In der Forschungs- und Entwicklungsarbeit geht es gerade in der Medizintechnik nach der Ideen- und Konzeptionsphase häufig darum, neue Geräte-Bauteile oder Prototypen für weitere Tests herzustellen. Hier kommen die Forschungs- und Versuchswerkstätten auf dem Campus ins Spiel, die eine Vielzahl von Fertigungsmöglichkeiten anbieten. „Wir ermöglichen das Rapid Prototyping mit modernen 3D-Druckern ebenso wie die konventionelle Herstellung von großen Teilen mithilfe von CNC-gesteuerten Fräsen oder von kleinen Teilen mittels feinmechanischer Präzisionsgeräte“, beschreibt Alexander Mildner als Koordinator und FabLab-Leiter die Angebotsbandbreite des neuen, hochschul- und einrichtungsübergreifenden Werkstatt-Netzwerkes.
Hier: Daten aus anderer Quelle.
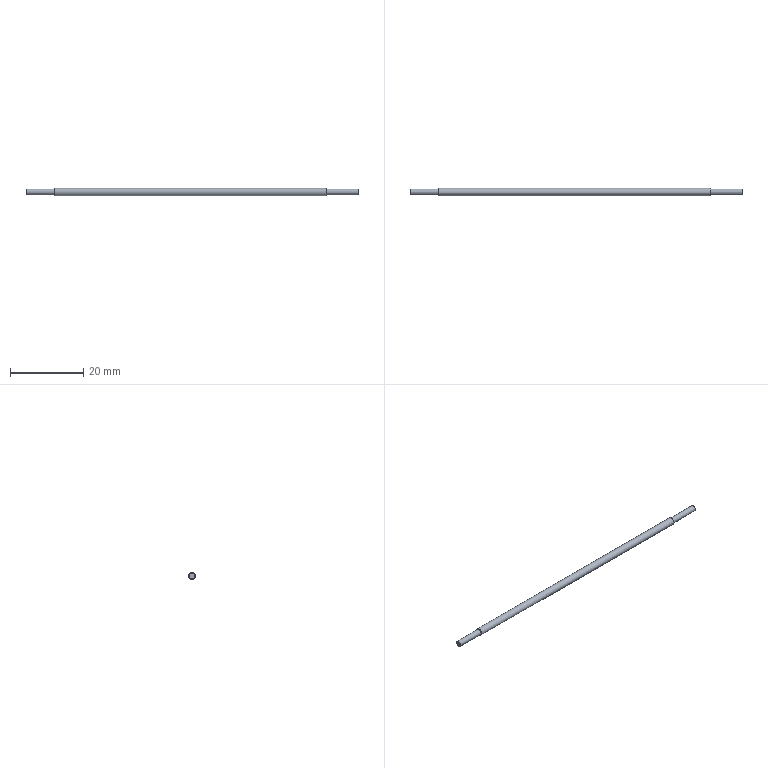Component | NX | LONG_SHAFT | 1 solid | 7 faces | box 90.9 x 2 x 2 mm | volume 267 mm3 | plane 4 | cylinder 3 | commonest cylinder face diameters 1.6 x2 2 x1
STEP:
#1=CARTESIAN_POINT('',(0.,0.,0.));
#2=DIRECTION('',(0.,0.,1.));
#3=DIRECTION('',(1.,0.,0.));
#4=AXIS2_PLACEMENT_3D('',#1,#2,#3);
#5=CARTESIAN_POINT('',(-47.4,2.21,6.167));
#6=VERTEX_POINT('',#5);
#7=CARTESIAN_POINT('',(-47.4,0.6405,6.477));
#8=VERTEX_POINT('',#7);
#9=CARTESIAN_POINT('',(-47.4,1.425,6.322));
#10=DIRECTION('',(-1.,0.,-0.));
#11=DIRECTION('',(0.,0.9811,-0.1935));
#12=AXIS2_PLACEMENT_3D('',#9,#10,#11);
#13=CIRCLE('',#12,0.8);
#14=CARTESIAN_POINT('',(-47.4,1.425,6.322));
#15=DIRECTION('',(1.,-0.,0.));
#16=DIRECTION('',(0.,0.00581,-1.));
#17=AXIS2_PLACEMENT_3D('',#14,#15,#16);
#18=PLANE('',#17);
#19=CARTESIAN_POINT('',(0.1594,0.784));
#20=CARTESIAN_POINT('',(1.517,0.508));
#21=CARTESIAN_POINT('',(0.5993,-0.53));
#22=CARTESIAN_POINT('',(-0.3187,-1.568));
#23=CARTESIAN_POINT('',(-0.7586,-0.254));
#24=CARTESIAN_POINT('',(-1.199,1.06));
#25=CARTESIAN_POINT('',(0.1594,0.784));
#26=(BOUNDED_CURVE()B_SPLINE_CURVE(2,(#19,#20,#21,#22,#23,#24,#25),.UNSPECIFIED.,.T.,.F.)B_SPLINE_CURVE_WITH_KNOTS((1,2,2,2,2,1),(-2.094,0.,2.094,4.189,6.283,8.378),.UNSPECIFIED.)CURVE()GEOMETRIC_REPRESENTATION_ITEM()RATIONAL_B_SPLINE_CURVE((1.,0.5,1.,0.5,1.,0.5,1.))REPRESENTATION_ITEM(''));
#27=(GEOMETRIC_REPRESENTATION_CONTEXT(2)PARAMETRIC_REPRESENTATION_CONTEXT()REPRESENTATION_CONTEXT('',''));
#28=DEFINITIONAL_REPRESENTATION('',(#26),#27);
#29=PCURVE('',#18,#28);
#30=CARTESIAN_POINT('',(-0.,1.425,6.322));
#31=DIRECTION('',(-1.,0.,0.));
#32=DIRECTION('',(0.,-0.9811,0.1935));
#33=AXIS2_PLACEMENT_3D('',#30,#31,#32);
#34=CYLINDRICAL_SURFACE('',#33,0.8);
#35=CARTESIAN_POINT('',(3.142,47.4));
#36=DIRECTION('',(1.,0.));
#37=VECTOR('',#36,1.);
#38=LINE('',#35,#37);
#39=(GEOMETRIC_REPRESENTATION_CONTEXT(2)PARAMETRIC_REPRESENTATION_CONTEXT()REPRESENTATION_CONTEXT('',''));
#40=DEFINITIONAL_REPRESENTATION('',(#38),#39);
#41=PCURVE('',#34,#40);
#42=SURFACE_CURVE('',#13,(#29,#41),.PCURVE_S1.);
#43=EDGE_CURVE('',#6,#8,#42,.T.);
#44=ORIENTED_EDGE('',*,*,#43,.T.);
#45=CARTESIAN_POINT('',(-47.4,1.425,6.322));
#46=DIRECTION('',(-1.,0.,-0.));
#47=DIRECTION('',(0.,0.9811,-0.1935));
#48=AXIS2_PLACEMENT_3D('',#45,#46,#47);
#49=CIRCLE('',#48,0.8);
#50=CARTESIAN_POINT('',(0.1594,0.784));
#51=CARTESIAN_POINT('',(1.517,0.508));
#52=CARTESIAN_POINT('',(0.5993,-0.53));
#53=CARTESIAN_POINT('',(-0.3187,-1.568));
#54=CARTESIAN_POINT('',(-0.7586,-0.254));
#55=CARTESIAN_POINT('',(-1.199,1.06));
#56=CARTESIAN_POINT('',(0.1594,0.784));
#57=(BOUNDED_CURVE()B_SPLINE_CURVE(2,(#50,#51,#52,#53,#54,#55,#56),.UNSPECIFIED.,.T.,.F.)B_SPLINE_CURVE_WITH_KNOTS((1,2,2,2,2,1),(-2.094,0.,2.094,4.189,6.283,8.378),.UNSPECIFIED.)CURVE()GEOMETRIC_REPRESENTATION_ITEM()RATIONAL_B_SPLINE_CURVE((1.,0.5,1.,0.5,1.,0.5,1.))REPRESENTATION_ITEM(''));
#58=(GEOMETRIC_REPRESENTATION_CONTEXT(2)PARAMETRIC_REPRESENTATION_CONTEXT()REPRESENTATION_CONTEXT('',''));
#59=DEFINITIONAL_REPRESENTATION('',(#57),#58);
#60=PCURVE('',#18,#59);
#61=CARTESIAN_POINT('',(-3.142,47.4));
#62=DIRECTION('',(1.,0.));
#63=VECTOR('',#62,1.);
#64=LINE('',#61,#63);
#65=(GEOMETRIC_REPRESENTATION_CONTEXT(2)PARAMETRIC_REPRESENTATION_CONTEXT()REPRESENTATION_CONTEXT('',''));
#66=DEFINITIONAL_REPRESENTATION('',(#64),#65);
#67=PCURVE('',#34,#66);
#68=SURFACE_CURVE('',#49,(#60,#67),.PCURVE_S1.);
#69=EDGE_CURVE('',#8,#6,#68,.T.);
#70=ORIENTED_EDGE('',*,*,#69,.T.);
#71=EDGE_LOOP('',(#44,#70));
#72=FACE_BOUND('',#71,.T.);
#73=ADVANCED_FACE('',(#72),#18,.F.);
#74=CARTESIAN_POINT('',(-39.5,0.6405,6.477));
#75=VERTEX_POINT('',#74);
#76=CARTESIAN_POINT('',(-39.5,1.425,6.322));
#77=DIRECTION('',(-1.,0.,0.));
#78=DIRECTION('',(0.,-0.9811,0.1935));
#79=AXIS2_PLACEMENT_3D('',#76,#77,#78);
#80=CIRCLE('',#79,0.8);
#81=CARTESIAN_POINT('',(0.,39.5));
#82=DIRECTION('',(1.,0.));
#83=VECTOR('',#82,1.);
#84=LINE('',#81,#83);
#85=(GEOMETRIC_REPRESENTATION_CONTEXT(2)PARAMETRIC_REPRESENTATION_CONTEXT()REPRESENTATION_CONTEXT('',''));
#86=DEFINITIONAL_REPRESENTATION('',(#84),#85);
#87=PCURVE('',#34,#86);
#88=CARTESIAN_POINT('',(-39.5,0.6405,6.477));
#89=DIRECTION('',(-1.,0.,0.));
#90=DIRECTION('',(0.,-0.9811,0.1935));
#91=AXIS2_PLACEMENT_3D('',#88,#89,#90);
#92=PLANE('',#91);
#93=CARTESIAN_POINT('',(-0.8,0.));
#94=DIRECTION('',(1.,0.));
#95=AXIS2_PLACEMENT_2D('',#93,#94);
#96=CIRCLE('',#95,0.8);
#97=(GEOMETRIC_REPRESENTATION_CONTEXT(2)PARAMETRIC_REPRESENTATION_CONTEXT()REPRESENTATION_CONTEXT('',''));
#98=DEFINITIONAL_REPRESENTATION('',(#96),#97);
#99=PCURVE('',#92,#98);
#100=SURFACE_CURVE('',#80,(#87,#99),.PCURVE_S1.);
#101=EDGE_CURVE('',#75,#75,#100,.T.);
#102=ORIENTED_EDGE('',*,*,#101,.T.);
#103=CARTESIAN_POINT('',(-39.5,0.6405,6.477));
#104=CARTESIAN_POINT('',(-47.4,0.6405,6.477));
#105=B_SPLINE_CURVE_WITH_KNOTS('',1,(#103,#104),.UNSPECIFIED.,.F.,.F.,(2,2),(39.5,47.4),.PIECEWISE_BEZIER_KNOTS.);
#106=CARTESIAN_POINT('',(6.283,0.));
#107=DIRECTION('',(0.,1.));
#108=VECTOR('',#107,1.);
#109=LINE('',#106,#108);
#110=(GEOMETRIC_REPRESENTATION_CONTEXT(2)PARAMETRIC_REPRESENTATION_CONTEXT()REPRESENTATION_CONTEXT('',''));
#111=DEFINITIONAL_REPRESENTATION('',(#109),#110);
#112=PCURVE('',#34,#111);
#113=CARTESIAN_POINT('',(0.,0.));
#114=DIRECTION('',(0.,1.));
#115=VECTOR('',#114,1.);
#116=LINE('',#113,#115);
#117=(GEOMETRIC_REPRESENTATION_CONTEXT(2)PARAMETRIC_REPRESENTATION_CONTEXT()REPRESENTATION_CONTEXT('',''));
#118=DEFINITIONAL_REPRESENTATION('',(#116),#117);
#119=PCURVE('',#34,#118);
#120=SEAM_CURVE('',#105,(#112,#119),.PCURVE_S1.);
#121=EDGE_CURVE('',#75,#8,#120,.T.);
#122=ORIENTED_EDGE('',*,*,#121,.T.);
#123=ORIENTED_EDGE('',*,*,#43,.F.);
#124=ORIENTED_EDGE('',*,*,#69,.F.);
#125=ORIENTED_EDGE('',*,*,#121,.F.);
#126=EDGE_LOOP('',(#102,#122,#123,#124,#125));
#127=FACE_BOUND('',#126,.T.);
#128=ADVANCED_FACE('',(#127),#34,.T.);
#129=CARTESIAN_POINT('',(-39.5,0.4443,6.516));
#130=VERTEX_POINT('',#129);
#131=CARTESIAN_POINT('',(-39.5,1.425,6.322));
#132=DIRECTION('',(-1.,0.,0.));
#133=DIRECTION('',(0.,-0.9811,0.1935));
#134=AXIS2_PLACEMENT_3D('',#131,#132,#133);
#135=CIRCLE('',#134,1.);
#136=CARTESIAN_POINT('',(-0.8,0.));
#137=DIRECTION('',(1.,0.));
#138=AXIS2_PLACEMENT_2D('',#136,#137);
#139=CIRCLE('',#138,1.);
#140=(GEOMETRIC_REPRESENTATION_CONTEXT(2)PARAMETRIC_REPRESENTATION_CONTEXT()REPRESENTATION_CONTEXT('',''));
#141=DEFINITIONAL_REPRESENTATION('',(#139),#140);
#142=PCURVE('',#92,#141);
#143=CARTESIAN_POINT('',(-0.,1.425,6.322));
#144=DIRECTION('',(-1.,0.,0.));
#145=DIRECTION('',(0.,-0.9811,0.1935));
#146=AXIS2_PLACEMENT_3D('',#143,#144,#145);
#147=CYLINDRICAL_SURFACE('',#146,1.);
#148=CARTESIAN_POINT('',(0.,39.5));
#149=DIRECTION('',(1.,0.));
#150=VECTOR('',#149,1.);
#151=LINE('',#148,#150);
#152=(GEOMETRIC_REPRESENTATION_CONTEXT(2)PARAMETRIC_REPRESENTATION_CONTEXT()REPRESENTATION_CONTEXT('',''));
#153=DEFINITIONAL_REPRESENTATION('',(#151),#152);
#154=PCURVE('',#147,#153);
#155=SURFACE_CURVE('',#135,(#142,#154),.PCURVE_S1.);
#156=EDGE_CURVE('',#130,#130,#155,.T.);
#157=ORIENTED_EDGE('',*,*,#156,.T.);
#158=EDGE_LOOP('',(#157));
#159=FACE_BOUND('',#158,.T.);
#160=ORIENTED_EDGE('',*,*,#101,.F.);
#161=EDGE_LOOP('',(#160));
#162=FACE_BOUND('',#161,.T.);
#163=ADVANCED_FACE('',(#159,#162),#92,.T.);
#164=CARTESIAN_POINT('',(35.,2.406,6.129));
#165=VERTEX_POINT('',#164);
#166=CARTESIAN_POINT('',(35.,0.4443,6.516));
#167=VERTEX_POINT('',#166);
#168=CARTESIAN_POINT('',(35.,1.425,6.322));
#169=DIRECTION('',(-1.,0.,0.));
#170=DIRECTION('',(0.,0.9811,-0.1935));
#171=AXIS2_PLACEMENT_3D('',#168,#169,#170);
#172=CIRCLE('',#171,1.);
#173=CARTESIAN_POINT('',(3.142,-35.));
#174=DIRECTION('',(1.,0.));
#175=VECTOR('',#174,1.);
#176=LINE('',#173,#175);
#177=(GEOMETRIC_REPRESENTATION_CONTEXT(2)PARAMETRIC_REPRESENTATION_CONTEXT()REPRESENTATION_CONTEXT('',''));
#178=DEFINITIONAL_REPRESENTATION('',(#176),#177);
#179=PCURVE('',#147,#178);
#180=CARTESIAN_POINT('',(35.,0.4443,6.516));
#181=DIRECTION('',(1.,0.,0.));
#182=DIRECTION('',(0.,0.9811,-0.1935));
#183=AXIS2_PLACEMENT_3D('',#180,#181,#182);
#184=PLANE('',#183);
#185=CARTESIAN_POINT('',(2.,0.));
#186=CARTESIAN_POINT('',(2.,-1.732));
#187=CARTESIAN_POINT('',(0.5,-0.866));
#188=CARTESIAN_POINT('',(-1.,0.));
#189=CARTESIAN_POINT('',(0.5,0.866));
#190=CARTESIAN_POINT('',(2.,1.732));
#191=CARTESIAN_POINT('',(2.,0.));
#192=(BOUNDED_CURVE()B_SPLINE_CURVE(2,(#185,#186,#187,#188,#189,#190,#191),.UNSPECIFIED.,.T.,.F.)B_SPLINE_CURVE_WITH_KNOTS((1,2,2,2,2,1),(-2.094,0.,2.094,4.189,6.283,8.378),.UNSPECIFIED.)CURVE()GEOMETRIC_REPRESENTATION_ITEM()RATIONAL_B_SPLINE_CURVE((1.,0.5,1.,0.5,1.,0.5,1.))REPRESENTATION_ITEM(''));
#193=(GEOMETRIC_REPRESENTATION_CONTEXT(2)PARAMETRIC_REPRESENTATION_CONTEXT()REPRESENTATION_CONTEXT('',''));
#194=DEFINITIONAL_REPRESENTATION('',(#192),#193);
#195=PCURVE('',#184,#194);
#196=SURFACE_CURVE('',#172,(#179,#195),.PCURVE_S1.);
#197=EDGE_CURVE('',#165,#167,#196,.T.);
#198=ORIENTED_EDGE('',*,*,#197,.T.);
#199=CARTESIAN_POINT('',(35.,0.4443,6.516));
#200=CARTESIAN_POINT('',(-39.5,0.4443,6.516));
#201=B_SPLINE_CURVE_WITH_KNOTS('',1,(#199,#200),.UNSPECIFIED.,.F.,.F.,(2,2),(-35.,39.5),.PIECEWISE_BEZIER_KNOTS.);
#202=CARTESIAN_POINT('',(6.283,0.));
#203=DIRECTION('',(0.,1.));
#204=VECTOR('',#203,1.);
#205=LINE('',#202,#204);
#206=(GEOMETRIC_REPRESENTATION_CONTEXT(2)PARAMETRIC_REPRESENTATION_CONTEXT()REPRESENTATION_CONTEXT('',''));
#207=DEFINITIONAL_REPRESENTATION('',(#205),#206);
#208=PCURVE('',#147,#207);
#209=CARTESIAN_POINT('',(0.,0.));
#210=DIRECTION('',(0.,1.));
#211=VECTOR('',#210,1.);
#212=LINE('',#209,#211);
#213=(GEOMETRIC_REPRESENTATION_CONTEXT(2)PARAMETRIC_REPRESENTATION_CONTEXT()REPRESENTATION_CONTEXT('',''));
#214=DEFINITIONAL_REPRESENTATION('',(#212),#213);
#215=PCURVE('',#147,#214);
#216=SEAM_CURVE('',#201,(#208,#215),.PCURVE_S1.);
#217=EDGE_CURVE('',#167,#130,#216,.T.);
#218=ORIENTED_EDGE('',*,*,#217,.T.);
#219=ORIENTED_EDGE('',*,*,#156,.F.);
#220=ORIENTED_EDGE('',*,*,#217,.F.);
#221=CARTESIAN_POINT('',(35.,1.425,6.322));
#222=DIRECTION('',(-1.,0.,0.));
#223=DIRECTION('',(0.,0.9811,-0.1935));
#224=AXIS2_PLACEMENT_3D('',#221,#222,#223);
#225=CIRCLE('',#224,1.);
#226=CARTESIAN_POINT('',(-3.142,-35.));
#227=DIRECTION('',(1.,0.));
#228=VECTOR('',#227,1.);
#229=LINE('',#226,#228);
#230=(GEOMETRIC_REPRESENTATION_CONTEXT(2)PARAMETRIC_REPRESENTATION_CONTEXT()REPRESENTATION_CONTEXT('',''));
#231=DEFINITIONAL_REPRESENTATION('',(#229),#230);
#232=PCURVE('',#147,#231);
#233=CARTESIAN_POINT('',(2.,0.));
#234=CARTESIAN_POINT('',(2.,-1.732));
#235=CARTESIAN_POINT('',(0.5,-0.866));
#236=CARTESIAN_POINT('',(-1.,0.));
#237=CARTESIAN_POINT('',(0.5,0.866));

In den neun beteiligten Campus-Werkstätten stehen modernste Geräte zur Verfügung, darunter verschiedene 3D-Drucker mit Verfahren für unterschiedliche Materialien und Bauteileigenschaften, CNC-Fräsen, CNC-Drehmaschinen, Lasercutter und Laser zur Mikromaterialbearbeitung, 3D-Scanner, Biegemaschinen, Schweißgeräte, Lackierkabine, Säge- und Schleifmaschinen und viele mehr. „Auch für den Elektronik-Bereich sind wir gut ausgestattet, sodass zum Beispiel Layout und Fertigung elektronischer Schaltungen oder Komponenten hier möglich sind“, erläutert Alexander Mildner.

Dabei legt der 30-jährige Maschinenbau-Ingenieur Wert darauf, dass mit dem Medical FabLab ein spezielles Konzept hochschulnaher, teiloffener High-Tech-Werkstätten umgesetzt wird: „So können Hersteller, mit denen wir in Projekten zusammenarbeiten, von der Kreativität und Arbeitsroutine von Mitarbeitern und Studierenden auf unkomplizierte Weise profitieren und schnell zu präsentablen Bauteil-, Prototyp- oder auch Kleinserien-Ergebnissen kommen.“ Kompetente Beratung bis hin zur Mitentwicklung etwa des Produktdesigns und die Schulung externer Maschinen-Nutzer gehörten dabei zum Angebot des Medical FabLab stets dazu. „Nicht zuletzt haben wir Know-how und Erfahrung in Sachen Normenkonformität und Qualitätssicherung, was gerade im Medizinproduktebereich von großer Bedeutung ist und uns die sogenannte Eigenherstellung für klinische Validierungsverfahren ermöglicht“, so Mildner.

Das junge Medical FabLab Lübeck ist bereits in einigen Produktbereichen als Partner von Herstellern und Kliniken tätig. So wurden beispielsweise aus vorliegenden medizinischen Bilddaten diverse 3D-Modelle erstellt und gedruckt. Eine menschliche Aorta wurde in verschiedenen Härten für die Verwendung in der klinischen Forschung gedruckt. (s. Bild) Der Prototyp eines Gerätes für Schärfe- und Kontrastsichtmessungen wurde im Hinblick auf Bauteildesign und Fertigungsoptimierung begleitet. Und es wurden Mikroskop-Probenplättchen per Laser im Mikrobereich graviert und perforiert.